To whom correspondence should be addressed. 1-4-1 Kagamiyama, Higashi-Hiroshima 739-8527 Japan,

Fax: +81-82-422-7193. E-mail: [email protected].

Abstract: The supercritical water gasification of xylose, a model substrate for hemicellulose, was carried out at 400 and 450 °C and at a constant pressure of 25 MPa in the presence of acetic acid using a continuous flow reactor. More specifically, we aimed to compare the reaction rate constants of xylose decomposition both in the presence and absence of acetic acid.
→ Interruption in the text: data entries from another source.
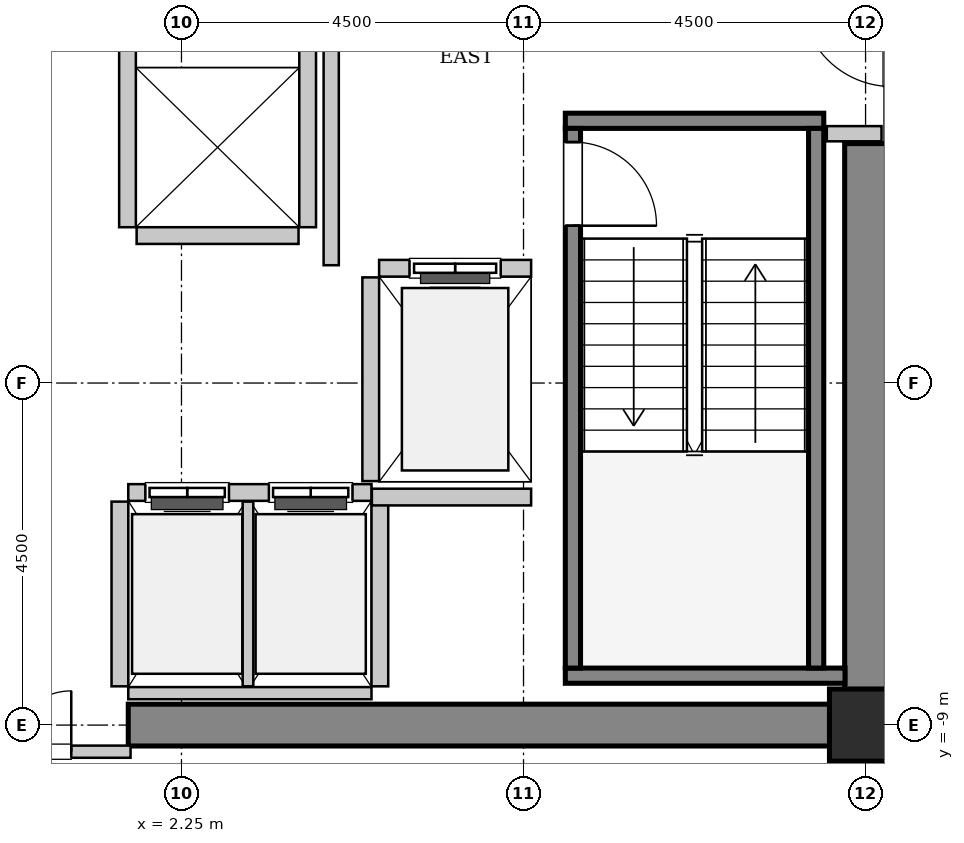
"""IFC4 building model, lengths in metres.
Left out: names, types, materials, properties, quantities, classifications, styles, units other than length and angle.
Written with IfcOpenShell. Run it as: python <this file> out.ifc"""

import sys

from ifc_helpers import new_model, si_unit, direction, frame, frame_2d, origin, origin_2d, place, context, subcontext, project, spatial, rectangle, hollow_rectangle, extrude, source, transform, mapped, element, fill, save


model = new_model("IFC4")
c1 = context("Model", 3, precision=1e-05, world=origin(), true_north=direction((0.0, 1.0)))
c2 = subcontext(c1, "Body", "Model", "MODEL_VIEW")
j1 = project(units=[si_unit("LENGTHUNIT", "METRE"), si_unit("PLANEANGLEUNIT", "RADIAN")], contexts=[c1])
p1 = place(None, origin())
s1 = spatial("IfcSite", under=j1, at=p1, CompositionType="ELEMENT")
p2 = place(p1, origin())
s2 = spatial("IfcBuilding", under=s1, at=p2, CompositionType="ELEMENT")
p3 = place(p2, frame((0.0, 0.0, 175.4)))
s3 = spatial("IfcBuildingStorey", under=s2, at=p3, CompositionType="ELEMENT", Elevation=175.4)
m1 = source(origin(), c2, "Body", "SweptSolid", [
    extrude(rectangle(XDim=9.975, YDim=0.55, at=frame_2d((4.987, 0.0))), origin(), (0.0, 0.0, 1.0), 3.8),
])
p4 = place(p3, frame((1.55, -9.0, 0.0), z_axis=(0.0, 0.0, 1.0), x_axis=(1.0, 0.0, 0.0)))
e1 = element("IfcWall", 1, at=p4, inside=s3, PredefinedType="SHEAR", context=c2, shape_type="MappedRepresentation", body=[
    mapped(m1, transform((0.0, 0.0, 0.0), x_axis=(1.0, 0.0, 0.0), y_axis=(0.0, 1.0, 0.0), z_axis=(0.0, 0.0, 1.0), scale=1.0)),
])
m2 = source(origin(), c2, "Body", "SweptSolid", [
    extrude(rectangle(XDim=7.375, YDim=0.55, at=frame_2d((3.688, 0.0))), origin(), (0.0, 0.0, 1.0), 3.8),
])
p5 = place(p3, frame((11.25, -8.725, 0.0), z_axis=(0.0, 0.0, 1.0), x_axis=(0.0, 1.0, 0.0)))
e2 = element("IfcWall", 2, at=p5, inside=s3, PredefinedType="SHEAR", context=c2, shape_type="MappedRepresentation", body=[
    mapped(m2, transform((0.0, 0.0, 0.0), x_axis=(1.0, 0.0, 0.0), y_axis=(0.0, 1.0, 0.0), z_axis=(0.0, 0.0, 1.0), scale=1.0)),
])
m3 = source(origin(), c2, "Body", "SweptSolid", [
    extrude(hollow_rectangle(XDim=0.95, YDim=0.95, WallThickness=0.045, InnerFilletRadius=0.045, OuterFilletRadius=0.09, at=origin_2d()), origin(), (0.0, 0.0, 1.0), 3.8),
])
p6 = place(p3, frame((11.25, -9.0, 0.0), z_axis=(0.0, 0.0, 1.0), x_axis=(1.0, 0.0, 0.0)))
e3 = element("IfcColumn", 3, at=p6, inside=s3, PredefinedType="COLUMN", context=c2, shape_type="MappedRepresentation", body=[
    mapped(m3, transform((0.0, 0.0, 0.0), x_axis=(1.0, 0.0, 0.0), y_axis=(0.0, 1.0, 0.0), z_axis=(0.0, 0.0, 1.0), scale=1.0)),
])
m4 = source(origin(), c2, "Body", "SweptSolid", [
    extrude(rectangle(XDim=3.4, YDim=0.2, at=frame_2d((1.7, 0.0))), origin(), (0.0, 0.0, 1.0), 3.8),
])
p7 = place(p3, frame((7.3, -1.05, 0.0), z_axis=(0.0, 0.0, 1.0), x_axis=(1.0, 0.0, 0.0)))
e4 = element("IfcWall", 4, at=p7, inside=s3, PredefinedType="SOLIDWALL", context=c2, shape_type="MappedRepresentation", body=[
    mapped(m4, transform((0.0, 0.0, 0.0), x_axis=(1.0, 0.0, 0.0), y_axis=(0.0, 1.0, 0.0), z_axis=(0.0, 0.0, 1.0), scale=1.0)),
])
m5 = source(origin(), c2, "Body", "SweptSolid", [
    extrude(rectangle(XDim=3.68, YDim=0.2, at=frame_2d((1.84, 0.0))), origin(), (0.0, 0.0, 1.0), 3.8),
])
p8 = place(p3, frame((7.3, -8.35, 0.0), z_axis=(0.0, 0.0, 1.0), x_axis=(1.0, 0.0, 0.0)))
e5 = element("IfcWall", 5, at=p8, inside=s3, PredefinedType="SOLIDWALL", context=c2, shape_type="MappedRepresentation", body=[
    mapped(m5, transform((0.0, 0.0, 0.0), x_axis=(1.0, 0.0, 0.0), y_axis=(0.0, 1.0, 0.0), z_axis=(0.0, 0.0, 1.0), scale=1.0)),
])
m6 = source(origin(), c2, "Body", "SweptSolid", [
    extrude(rectangle(XDim=7.1, YDim=0.2, at=frame_2d((3.55, 0.0))), origin(), (0.0, 0.0, 1.0), 3.8),
])
p9 = place(p3, frame((7.4, -1.15, 0.0), z_axis=(0.0, 0.0, 1.0), x_axis=(0.0, -1.0, 0.0)))
e6 = element("IfcWall", 6, at=p9, inside=s3, PredefinedType="SOLIDWALL", context=c2, shape_type="MappedRepresentation", body=[
    mapped(m6, transform((0.0, 0.0, 0.0), x_axis=(1.0, 0.0, 0.0), y_axis=(0.0, 1.0, 0.0), z_axis=(0.0, 0.0, 1.0), scale=1.0)),
])
p10 = place(p9, frame((0.18, 0.0, 0.0)))
e7 = element("IfcOpeningElement", 7, at=p10, cuts=e6, PredefinedType="OPENING", context=c2, shape_type="SweptSolid", body=[
    extrude(rectangle(XDim=1.1, YDim=2.15, at=frame_2d((0.55, 1.075))), frame((0.0, 0.11, 0.0), z_axis=(0.0, -1.0, 0.0), x_axis=(1.0, 0.0, 0.0)), (0.0, 0.0, 1.0), 0.22),
])
p11 = place(p3, frame((10.6, -1.15, 0.0), z_axis=(0.0, 0.0, 1.0), x_axis=(0.0, -1.0, 0.0)))
e8 = element("IfcWall", 8, at=p11, inside=s3, PredefinedType="SOLIDWALL", context=c2, shape_type="MappedRepresentation", body=[
    mapped(m6, transform((0.0, 0.0, 0.0), x_axis=(1.0, 0.0, 0.0), y_axis=(0.0, 1.0, 0.0), z_axis=(0.0, 0.0, 1.0), scale=1.0)),
])
m7 = source(origin(), c2, "Body", "SweptSolid", [
    extrude(rectangle(XDim=2.0, YDim=0.22, at=frame_2d((1.0, 0.0))), origin(), (0.0, 0.0, 1.0), 3.535),
])
p12 = place(p3, frame((6.85, -2.99, 0.0), z_axis=(0.0, 0.0, 1.0), x_axis=(-1.0, 0.0, 0.0)))
e9 = element("IfcWall", 9, at=p12, inside=s3, PredefinedType="SOLIDWALL", context=c2, shape_type="MappedRepresentation", body=[
    mapped(m7, transform((0.0, 0.0, 0.0), x_axis=(1.0, 0.0, 0.0), y_axis=(0.0, 1.0, 0.0), z_axis=(0.0, 0.0, 1.0), scale=1.0)),
])
p13 = place(p12, frame((0.4, 0.0, 0.0)))
e10 = element("IfcOpeningElement", 10, at=p13, cuts=e9, PredefinedType="OPENING", context=c2, shape_type="SweptSolid", body=[
    extrude(rectangle(XDim=1.2, YDim=2.2, at=frame_2d((0.6, 1.1))), frame((0.0, 0.12, 0.0), z_axis=(0.0, -1.0, 0.0), x_axis=(1.0, 0.0, 0.0)), (0.0, 0.0, 1.0), 0.24),
])
m8 = source(origin(), c2, "Body", "SweptSolid", [
    extrude(rectangle(XDim=2.68, YDim=0.22, at=frame_2d((1.34, 0.0))), origin(), (0.0, 0.0, 1.0), 3.535),
])
p14 = place(p3, frame((4.74, -3.11, 0.0), z_axis=(0.0, 0.0, 1.0), x_axis=(0.0, -1.0, 0.0)))
e11 = element("IfcWall", 11, at=p14, inside=s3, PredefinedType="SOLIDWALL", context=c2, shape_type="MappedRepresentation", body=[
    mapped(m8, transform((0.0, 0.0, 0.0), x_axis=(1.0, 0.0, 0.0), y_axis=(0.0, 1.0, 0.0), z_axis=(0.0, 0.0, 1.0), scale=1.0)),
])
m9 = source(origin(), c2, "Body", "SweptSolid", [
    extrude(rectangle(XDim=3.2, YDim=0.22, at=frame_2d((1.6, 0.0))), origin(), (0.0, 0.0, 1.0), 3.535),
])
p15 = place(p3, frame((4.75, -5.94, 0.0), z_axis=(0.0, 0.0, 1.0), x_axis=(-1.0, 0.0, 0.0)))
e12 = element("IfcWall", 12, at=p15, inside=s3, PredefinedType="SOLIDWALL", context=c2, shape_type="MappedRepresentation", body=[
    mapped(m9, transform((0.0, 0.0, 0.0), x_axis=(1.0, 0.0, 0.0), y_axis=(0.0, 1.0, 0.0), z_axis=(0.0, 0.0, 1.0), scale=1.0)),
])
p16 = place(p15, frame((1.875, 0.0, 0.0)))
e13 = element("IfcOpeningElement", 13, at=p16, cuts=e12, PredefinedType="OPENING", context=c2, shape_type="SweptSolid", body=[
    extrude(rectangle(XDim=1.1, YDim=2.2, at=frame_2d((0.55, 1.1))), frame((0.0, 0.12, 0.0), z_axis=(0.0, -1.0, 0.0), x_axis=(1.0, 0.0, 0.0)), (0.0, 0.0, 1.0), 0.24),
])
p17 = place(p15, frame((0.25, 0.0, 0.0)))
e14 = element("IfcOpeningElement", 14, at=p17, cuts=e12, PredefinedType="OPENING", context=c2, shape_type="SweptSolid", body=[
    extrude(rectangle(XDim=1.1, YDim=2.2, at=frame_2d((0.55, 1.1))), frame((0.0, 0.12, 0.0), z_axis=(0.0, -1.0, 0.0), x_axis=(1.0, 0.0, 0.0)), (0.0, 0.0, 1.0), 0.24),
])
m10 = source(origin(), c2, "Body", "SweptSolid", [
    extrude(rectangle(XDim=3.2, YDim=0.16, at=frame_2d((1.6, 0.0))), origin(), (0.0, 0.0, 1.0), 2.425),
])
p18 = place(p3, frame((1.55, -8.58, 0.0), z_axis=(0.0, 0.0, 1.0), x_axis=(1.0, 0.0, 0.0)))
e15 = element("IfcWall", 15, at=p18, inside=s3, PredefinedType="PARTITIONING", context=c2, shape_type="MappedRepresentation", body=[
    mapped(m10, transform((0.0, 0.0, 0.0), x_axis=(1.0, 0.0, 0.0), y_axis=(0.0, 1.0, 0.0), z_axis=(0.0, 0.0, 1.0), scale=1.0)),
])
m11 = source(origin(), c2, "Body", "SweptSolid", [
    extrude(rectangle(XDim=2.43, YDim=0.22, at=frame_2d((1.215, 0.0))), origin(), (0.0, 0.0, 1.0), 3.535),
])
p19 = place(p3, frame((1.44, -6.06, 0.0), z_axis=(0.0, 0.0, 1.0), x_axis=(0.0, -1.0, 0.0)))
e16 = element("IfcWall", 16, at=p19, inside=s3, PredefinedType="SOLIDWALL", context=c2, shape_type="MappedRepresentation", body=[
    mapped(m11, transform((0.0, 0.0, 0.0), x_axis=(1.0, 0.0, 0.0), y_axis=(0.0, 1.0, 0.0), z_axis=(0.0, 0.0, 1.0), scale=1.0)),
])
m12 = source(origin(), c2, "Body", "SweptSolid", [
    extrude(rectangle(XDim=2.43, YDim=0.14, at=frame_2d((1.215, 0.0))), origin(), (0.0, 0.0, 1.0), 3.535),
])
p20 = place(p3, frame((3.125, -8.49, 0.0), z_axis=(0.0, 0.0, 1.0), x_axis=(0.0, 1.0, 0.0)))
e17 = element("IfcWall", 17, at=p20, inside=s3, PredefinedType="PARTITIONING", context=c2, shape_type="MappedRepresentation", body=[
    mapped(m12, transform((0.0, 0.0, 0.0), x_axis=(1.0, 0.0, 0.0), y_axis=(0.0, 1.0, 0.0), z_axis=(0.0, 0.0, 1.0), scale=1.0)),
])
p21 = place(p3, frame((4.86, -8.49, 0.0), z_axis=(0.0, 0.0, 1.0), x_axis=(0.0, 1.0, 0.0)))
e18 = element("IfcWall", 18, at=p21, inside=s3, PredefinedType="SOLIDWALL", context=c2, shape_type="MappedRepresentation", body=[
    mapped(m11, transform((0.0, 0.0, 0.0), x_axis=(1.0, 0.0, 0.0), y_axis=(0.0, 1.0, 0.0), z_axis=(0.0, 0.0, 1.0), scale=1.0)),
])
m13 = source(origin(), c2, "Body", "SweptSolid", [
    extrude(rectangle(XDim=4.9, YDim=0.22, at=frame_2d((2.45, 0.0))), origin(), (0.0, 0.0, 1.0), 3.535),
])
for number, where, z_axis, x_axis in (
    (19, (1.54, 2.45, 0.0), (0.0, 0.0, 1.0), (0.0, -1.0, 0.0)),
    (20, (3.91, -2.45, 0.0), (0.0, 0.0, 1.0), (0.0, 1.0, 0.0)),
):
    element("IfcWall", number, at=place(p3, frame(where, z_axis=z_axis, x_axis=x_axis)), inside=s3, PredefinedType="SOLIDWALL", context=c2, shape_type="MappedRepresentation", body=[
        mapped(m13, transform((0.0, 0.0, 0.0), x_axis=(1.0, 0.0, 0.0), y_axis=(0.0, 1.0, 0.0), z_axis=(0.0, 0.0, 1.0), scale=1.0)),
    ])
m14 = source(origin(), c2, "Body", "SweptSolid", [
    extrude(rectangle(XDim=2.13, YDim=0.22, at=frame_2d((1.065, 0.0))), origin(), (0.0, 0.0, 1.0), 3.535),
])
p22 = place(p3, frame((1.66, -2.56, 0.0), z_axis=(0.0, 0.0, 1.0), x_axis=(1.0, 0.0, 0.0)))
e21 = element("IfcWall", 21, at=p22, inside=s3, PredefinedType="SOLIDWALL", context=c2, shape_type="MappedRepresentation", body=[
    mapped(m14, transform((0.0, 0.0, 0.0), x_axis=(1.0, 0.0, 0.0), y_axis=(0.0, 1.0, 0.0), z_axis=(0.0, 0.0, 1.0), scale=1.0)),
])
m15 = source(origin(), c2, "Body", "SweptSolid", [
    extrude(rectangle(XDim=2.095, YDim=0.22, at=frame_2d((1.048, 0.0))), origin(), (0.0, 0.0, 1.0), 3.535),
])
p23 = place(p3, frame((4.755, -6.0, 0.0), z_axis=(0.0, 0.0, 1.0), x_axis=(1.0, 0.0, 0.0)))
e22 = element("IfcWall", 22, at=p23, inside=s3, PredefinedType="SOLIDWALL", context=c2, shape_type="MappedRepresentation", body=[
    mapped(m15, transform((0.0, 0.0, 0.0), x_axis=(1.0, 0.0, 0.0), y_axis=(0.0, 1.0, 0.0), z_axis=(0.0, 0.0, 1.0), scale=1.0)),
])
m16 = source(origin(), c2, "Body", "SweptSolid", [
    extrude(rectangle(XDim=5.9, YDim=0.2, at=frame_2d((2.95, 0.0))), origin(), (0.0, 0.0, 1.0), 3.535),
])
p24 = place(p3, frame((4.22, -2.95, 0.0), z_axis=(0.0, 0.0, 1.0), x_axis=(0.0, 1.0, 0.0)))
e23 = element("IfcWall", 23, at=p24, inside=s3, PredefinedType="PARTITIONING", context=c2, shape_type="MappedRepresentation", body=[
    mapped(m16, transform((0.0, 0.0, 0.0), x_axis=(1.0, 0.0, 0.0), y_axis=(0.0, 1.0, 0.0), z_axis=(0.0, 0.0, 1.0), scale=1.0)),
])
m17 = source(origin(), c2, "Body", "SweptSolid", [
    extrude(rectangle(XDim=0.72, YDim=0.2, at=frame_2d((0.36, 0.0))), origin(), (0.0, 0.0, 1.0), 3.535),
])
p25 = place(p3, frame((10.74, -1.22, 0.0), z_axis=(0.0, 0.0, 1.0), x_axis=(1.0, 0.0, 0.0)))
e24 = element("IfcWall", 24, at=p25, inside=s3, PredefinedType="PARTITIONING", context=c2, shape_type="MappedRepresentation", body=[
    mapped(m17, transform((0.0, 0.0, 0.0), x_axis=(1.0, 0.0, 0.0), y_axis=(0.0, 1.0, 0.0), z_axis=(0.0, 0.0, 1.0), scale=1.0)),
])
m18 = source(origin(), c2, "Body", "SweptSolid", [
    extrude(rectangle(XDim=3.16, YDim=0.16, at=frame_2d((1.58, 0.0))), origin(), (0.0, 0.0, 1.0), 2.425),
])
p26 = place(p3, frame((-1.58, -9.35, 0.0), z_axis=(0.0, 0.0, 1.0), x_axis=(1.0, 0.0, 0.0)))
e25 = element("IfcWall", 25, at=p26, inside=s3, PredefinedType="PARTITIONING", context=c2, shape_type="MappedRepresentation", body=[
    mapped(m18, transform((0.0, 0.0, 0.0), x_axis=(1.0, 0.0, 0.0), y_axis=(0.0, 1.0, 0.0), z_axis=(0.0, 0.0, 1.0), scale=1.0)),
])
p27 = place(p26, frame((0.78, 0.0, 0.0)))
e26 = element("IfcOpeningElement", 26, at=p27, cuts=e25, PredefinedType="OPENING", context=c2, shape_type="SweptSolid", body=[
    extrude(rectangle(XDim=1.6, YDim=2.3, at=frame_2d((0.8, 1.15))), frame((0.0, 0.09, 0.0), z_axis=(0.0, -1.0, 0.0), x_axis=(1.0, 0.0, 0.0)), (0.0, 0.0, 1.0), 0.18),
])
m19 = source(origin(), c2, "Body", "SweptSolid", [
    extrude(rectangle(XDim=1.1, YDim=2.15, at=frame_2d((0.55, 1.075))), frame((0.0, 0.025, 0.0), z_axis=(0.0, -1.0, 0.0), x_axis=(1.0, 0.0, 0.0)), (0.0, 0.0, 1.0), 0.05),
])
p28 = place(p10, origin())
e27 = element("IfcDoor", 27, at=p28, inside=s3, OperationType="SINGLE_SWING_RIGHT", PredefinedType="DOOR", context=c2, shape_type="MappedRepresentation", body=[
    mapped(m19, transform((0.0, 0.0, 0.0), x_axis=(1.0, 0.0, 0.0), y_axis=(0.0, 1.0, 0.0), z_axis=(0.0, 0.0, 1.0), scale=1.0)),
])
fill(e7, e27)
m20 = source(origin(), c2, "Body", "SweptSolid", [
    extrude(rectangle(XDim=1.2, YDim=2.2, at=frame_2d((0.6, 1.1))), frame((0.0, 0.025, 0.0), z_axis=(0.0, -1.0, 0.0), x_axis=(1.0, 0.0, 0.0)), (0.0, 0.0, 1.0), 0.05),
])
p29 = place(p13, origin())
e28 = element("IfcDoor", 28, at=p29, inside=s3, OperationType="SLIDING_TO_LEFT", PredefinedType="DOOR", context=c2, shape_type="MappedRepresentation", body=[
    mapped(m20, transform((0.0, 0.0, 0.0), x_axis=(1.0, 0.0, 0.0), y_axis=(0.0, 1.0, 0.0), z_axis=(0.0, 0.0, 1.0), scale=1.0)),
])
fill(e10, e28)
m21 = source(origin(), c2, "Body", "SweptSolid", [
    extrude(rectangle(XDim=1.1, YDim=2.2, at=frame_2d((0.55, 1.1))), frame((0.0, 0.025, 0.0), z_axis=(0.0, -1.0, 0.0), x_axis=(1.0, 0.0, 0.0)), (0.0, 0.0, 1.0), 0.05),
])
p30 = place(p16, origin())
e29 = element("IfcDoor", 29, at=p30, inside=s3, OperationType="DOUBLE_DOOR_SLIDING", PredefinedType="DOOR", context=c2, shape_type="MappedRepresentation", body=[
    mapped(m21, transform((0.0, 0.0, 0.0), x_axis=(1.0, 0.0, 0.0), y_axis=(0.0, 1.0, 0.0), z_axis=(0.0, 0.0, 1.0), scale=1.0)),
])
fill(e13, e29)
p31 = place(p17, origin())
e30 = element("IfcDoor", 30, at=p31, inside=s3, OperationType="DOUBLE_DOOR_SLIDING", PredefinedType="DOOR", context=c2, shape_type="MappedRepresentation", body=[
    mapped(m21, transform((0.0, 0.0, 0.0), x_axis=(1.0, 0.0, 0.0), y_axis=(0.0, 1.0, 0.0), z_axis=(0.0, 0.0, 1.0), scale=1.0)),
])
fill(e14, e30)
m22 = source(origin(), c2, "Body", "SweptSolid", [
    extrude(rectangle(XDim=1.6, YDim=2.3, at=frame_2d((0.8, 1.15))), frame((0.0, 0.025, 0.0), z_axis=(0.0, -1.0, 0.0), x_axis=(1.0, 0.0, 0.0)), (0.0, 0.0, 1.0), 0.05),
])
p32 = place(p27, origin())
e31 = element("IfcDoor", 31, at=p32, inside=s3, OperationType="DOUBLE_DOOR_SINGLE_SWING", PredefinedType="DOOR", context=c2, shape_type="MappedRepresentation", body=[
    mapped(m22, transform((0.0, 0.0, 0.0), x_axis=(1.0, 0.0, 0.0), y_axis=(0.0, 1.0, 0.0), z_axis=(0.0, 0.0, 1.0), scale=1.0)),
])
fill(e26, e31)
save(model, sys.argv[1])

Upon the application of a residence time of 0.5–5 s, a xylose concentration of 1.5 wt%, and an acetic acid concentration of 1.5 wt%, we successfully elucidated the effect of acetic acid on each reaction within the reaction network for the first time. In the presence of acetic acid, the retro-aldol reactions and carbon gasification production (i.e., the radical reactions) were suppressed, while the acetic acid-catalyzed dehydration of xylulose to furfural (i.e., an ionic reaction) was enhanced by two orders of magnitude. As such, reaction control through the addition of chemical species to either stabilize ions or react with radicals appears possible.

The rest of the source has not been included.